A small part of Virolahti was ceded by Sweden to Russia in the Treaty of Uusikaupunki in 1721. The border was located slightly further west than the modern Finnish-Russian border. In the treaty of Turku of 1743, the rest of Virolahti was ceded to Russia. The northern part of Virolahti became the Miehikkälä parish in 1863.

Before World War I the Russian Emperor Nicholas II used to spend summers with his family in the archipelago of Virolahti with his yacht Standart, Finland being an autonomous province within the Russian Empire between 1809 and 1917.
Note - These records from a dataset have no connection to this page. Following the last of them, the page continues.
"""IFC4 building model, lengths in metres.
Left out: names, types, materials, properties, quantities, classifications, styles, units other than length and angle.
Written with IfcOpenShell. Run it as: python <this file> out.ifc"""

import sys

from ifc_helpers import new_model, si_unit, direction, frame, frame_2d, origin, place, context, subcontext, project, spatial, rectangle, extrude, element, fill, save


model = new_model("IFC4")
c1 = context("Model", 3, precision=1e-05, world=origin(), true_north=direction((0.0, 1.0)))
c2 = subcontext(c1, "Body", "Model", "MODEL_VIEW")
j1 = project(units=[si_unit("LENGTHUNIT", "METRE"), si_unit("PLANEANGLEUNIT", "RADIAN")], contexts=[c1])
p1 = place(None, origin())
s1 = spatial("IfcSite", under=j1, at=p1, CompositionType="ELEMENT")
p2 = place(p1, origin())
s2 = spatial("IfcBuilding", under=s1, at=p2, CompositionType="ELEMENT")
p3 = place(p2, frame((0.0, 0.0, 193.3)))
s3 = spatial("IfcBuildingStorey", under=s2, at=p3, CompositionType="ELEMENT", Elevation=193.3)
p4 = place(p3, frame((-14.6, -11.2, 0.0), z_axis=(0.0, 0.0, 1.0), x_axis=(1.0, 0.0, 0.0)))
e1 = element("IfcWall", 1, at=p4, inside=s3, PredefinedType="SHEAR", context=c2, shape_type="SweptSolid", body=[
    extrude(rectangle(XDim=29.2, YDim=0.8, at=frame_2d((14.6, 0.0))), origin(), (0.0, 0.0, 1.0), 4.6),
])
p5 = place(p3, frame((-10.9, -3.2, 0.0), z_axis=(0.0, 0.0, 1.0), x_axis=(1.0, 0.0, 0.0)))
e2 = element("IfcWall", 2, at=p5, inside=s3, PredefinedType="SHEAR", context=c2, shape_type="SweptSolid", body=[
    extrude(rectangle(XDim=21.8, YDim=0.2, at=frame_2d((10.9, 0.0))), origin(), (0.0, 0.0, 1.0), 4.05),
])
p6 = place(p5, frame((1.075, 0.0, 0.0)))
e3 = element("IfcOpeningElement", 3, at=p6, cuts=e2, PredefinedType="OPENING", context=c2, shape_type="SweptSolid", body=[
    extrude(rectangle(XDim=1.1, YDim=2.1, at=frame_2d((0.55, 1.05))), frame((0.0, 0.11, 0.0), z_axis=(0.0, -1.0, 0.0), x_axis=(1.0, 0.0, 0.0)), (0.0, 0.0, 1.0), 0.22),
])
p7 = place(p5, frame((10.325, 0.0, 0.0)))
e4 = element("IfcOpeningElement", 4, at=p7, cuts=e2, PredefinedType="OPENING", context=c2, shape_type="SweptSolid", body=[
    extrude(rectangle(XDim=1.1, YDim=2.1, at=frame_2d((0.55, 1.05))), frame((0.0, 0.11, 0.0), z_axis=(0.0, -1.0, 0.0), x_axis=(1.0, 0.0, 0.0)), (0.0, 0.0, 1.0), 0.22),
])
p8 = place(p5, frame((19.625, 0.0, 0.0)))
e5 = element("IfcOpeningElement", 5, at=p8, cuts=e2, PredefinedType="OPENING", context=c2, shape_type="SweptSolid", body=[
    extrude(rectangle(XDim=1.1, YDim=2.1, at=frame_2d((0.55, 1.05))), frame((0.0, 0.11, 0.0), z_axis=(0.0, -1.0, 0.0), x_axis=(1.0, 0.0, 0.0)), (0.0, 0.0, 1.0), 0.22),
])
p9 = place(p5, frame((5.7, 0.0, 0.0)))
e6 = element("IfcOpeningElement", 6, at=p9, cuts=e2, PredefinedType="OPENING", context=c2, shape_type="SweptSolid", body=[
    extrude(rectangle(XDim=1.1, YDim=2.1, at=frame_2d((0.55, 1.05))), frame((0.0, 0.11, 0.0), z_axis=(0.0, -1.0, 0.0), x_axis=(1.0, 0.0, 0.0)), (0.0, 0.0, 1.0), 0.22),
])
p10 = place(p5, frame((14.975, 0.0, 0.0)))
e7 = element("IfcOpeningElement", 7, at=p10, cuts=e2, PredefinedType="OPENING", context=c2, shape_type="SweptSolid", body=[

Virolahti lost some of its area (over 100 km2) to Soviet Union in Paris Peace Treaties, 1947, after World War II.

==Villages in 1939==
Villages marked with an asterisk (*) are now completely or partially on the Russian side:

Alapihlaja, Alaurpala*, Eerikkälä, Hailila, Hanski, Hellä (Heligby), Hämeenkylä (Tavastby), Häppilä, Järvenkylä, Kattilainen, Kiiskilahti* (now Kiyskinlakhti), Kirkonkylä, Klamila, Koivuniemi, Koskela*, Koskelanjoki, Kotola, Kurkela, Laitsalmi*, Länsikylä (Flonckarböle), Martinsaari* (Now Island of Maly Pogranichny), Mattila, Mustamaa, Nopala, Orslahti* (now Primorskoye), Paatio* (Båtö in Swedish, now Bolshoy Pogranitshny), Pajulahti, Pajusaari*, Pitkäpaasi* (Island of Gorniya Kamenya), Pyterlahti, Ravijoki, Ravijärvi, Reinikkala, Rännänen (Grennäs), Sydänkylä (Kallfjärd), Säkäjärvi, Tiilikkala, Vaalimaa (Vaderma), Vilkkilä, Virojoki, Yläpihlaja, Yläurpala* (now Torfjanovka).

==Climate==
Virolahti has a humid continental climate (Köppen: Dfb), with some moderation from the nearby Gulf of Finland.

Climate data for Virolahti Koivuniemi (1991–2020 normals, extremes 1977–present)
| Month | Jan | Feb | Mar | Apr | May | Jun | Jul | Aug | Sep | Oct | Nov | Dec | Year |
| Record high °C (°F) | 7.7 (45.9) | 8.4 (47.1) | 14.4 (57.9) | 22.3 (72.1) | 28.1 (82.6) | 31.6 (88.9) | 32.5 (90.5) | 31.0 (87.8) | 27.5 (81.5) | 17.3 (63.1) | 13.4 (56.1) | 9.8 (49.6) | 32.5 (90.5) |
| Mean daily maximum °C (°F) | −2.6 (27.3) | −2.8 (27.0) | 1.2 (34.2) | 7.6 (45.7) | 14.8 (58.6) | 19.0 (66.2) | 22.0 (71.6) | 20.7 (69.3) | 15.3 (59.5) | 8.4 (47.1) | 3.2 (37.8) | −0.1 (31.8) | 8.9 (48.0) |
| Daily mean °C (°F) | −5.3 (22.5) | −6.0 (21.2) | −2.6 (27.3) | 3.0 (37.4) | 9.3 (48.7) | 14.2 (57.6) | 17.2 (63.0) | 15.7 (60.3) | 10.9 (51.6) | 5.4 (41.7) | 1.0 (33.8) | −2.4 (27.7) | 5.0 (41.0) |
| Mean daily minimum °C (°F) | −8.5 (16.7) | −9.5 (14.9) | −6.6 (20.1) | −1.2 (29.8) | 3.4 (38.1) | 8.7 (47.7) | 11.8 (53.2) | 10.4 (50.7) | 6.4 (43.5) | 2.1 (35.8) | −1.6 (29.1) | −5.1 (22.8) | 0.9 (33.6) |
| Record low °C (°F) | −37.0 (−34.6) | −34.6 (−30.3) | −31.5 (−24.7) | −17.4 (0.7) | −7.3 (18.9) | −2.6 (27.3) | 1.9 (35.4) | −0.5 (31.1) | −7.6 (18.3) | −16.4 (2.5) | −21.7 (−7.1) | −35.3 (−31.5) | −37.0 (−34.6) |
| Average precipitation mm (inches) | 52 (2.0) | 44 (1.7) | 40 (1.6) | 34 (1.3) | 40 (1.6) | 57 (2.2) | 54 (2.1) | 73 (2.9) | 74 (2.9) | 82 (3.2) | 71 (2.8) | 63 (2.5) | 684 (26.9) |
| Average precipitation days | 12 | 9 | 8 | 7 | 7 | 8 | 8 | 9 | 9 | 11 | 12 | 12 | 112 |
Source 1: https://helda.helsinki.fi/handle/10138/336063
Source 2: https://kilotavu.com/asema-taulukko.php?asema=101231

==Notable people born in Virolahti==
- Uuno Klami, composer
- Johannes Takanen, sculptor
- Aarne Sihvo, general
- Veli Saarinen, cross-country skier, olympic gold medalist
- Väinö Liikkanen, cross-country skier, olympic silver medalist
- Lauri Törni soldier who fought under three flags.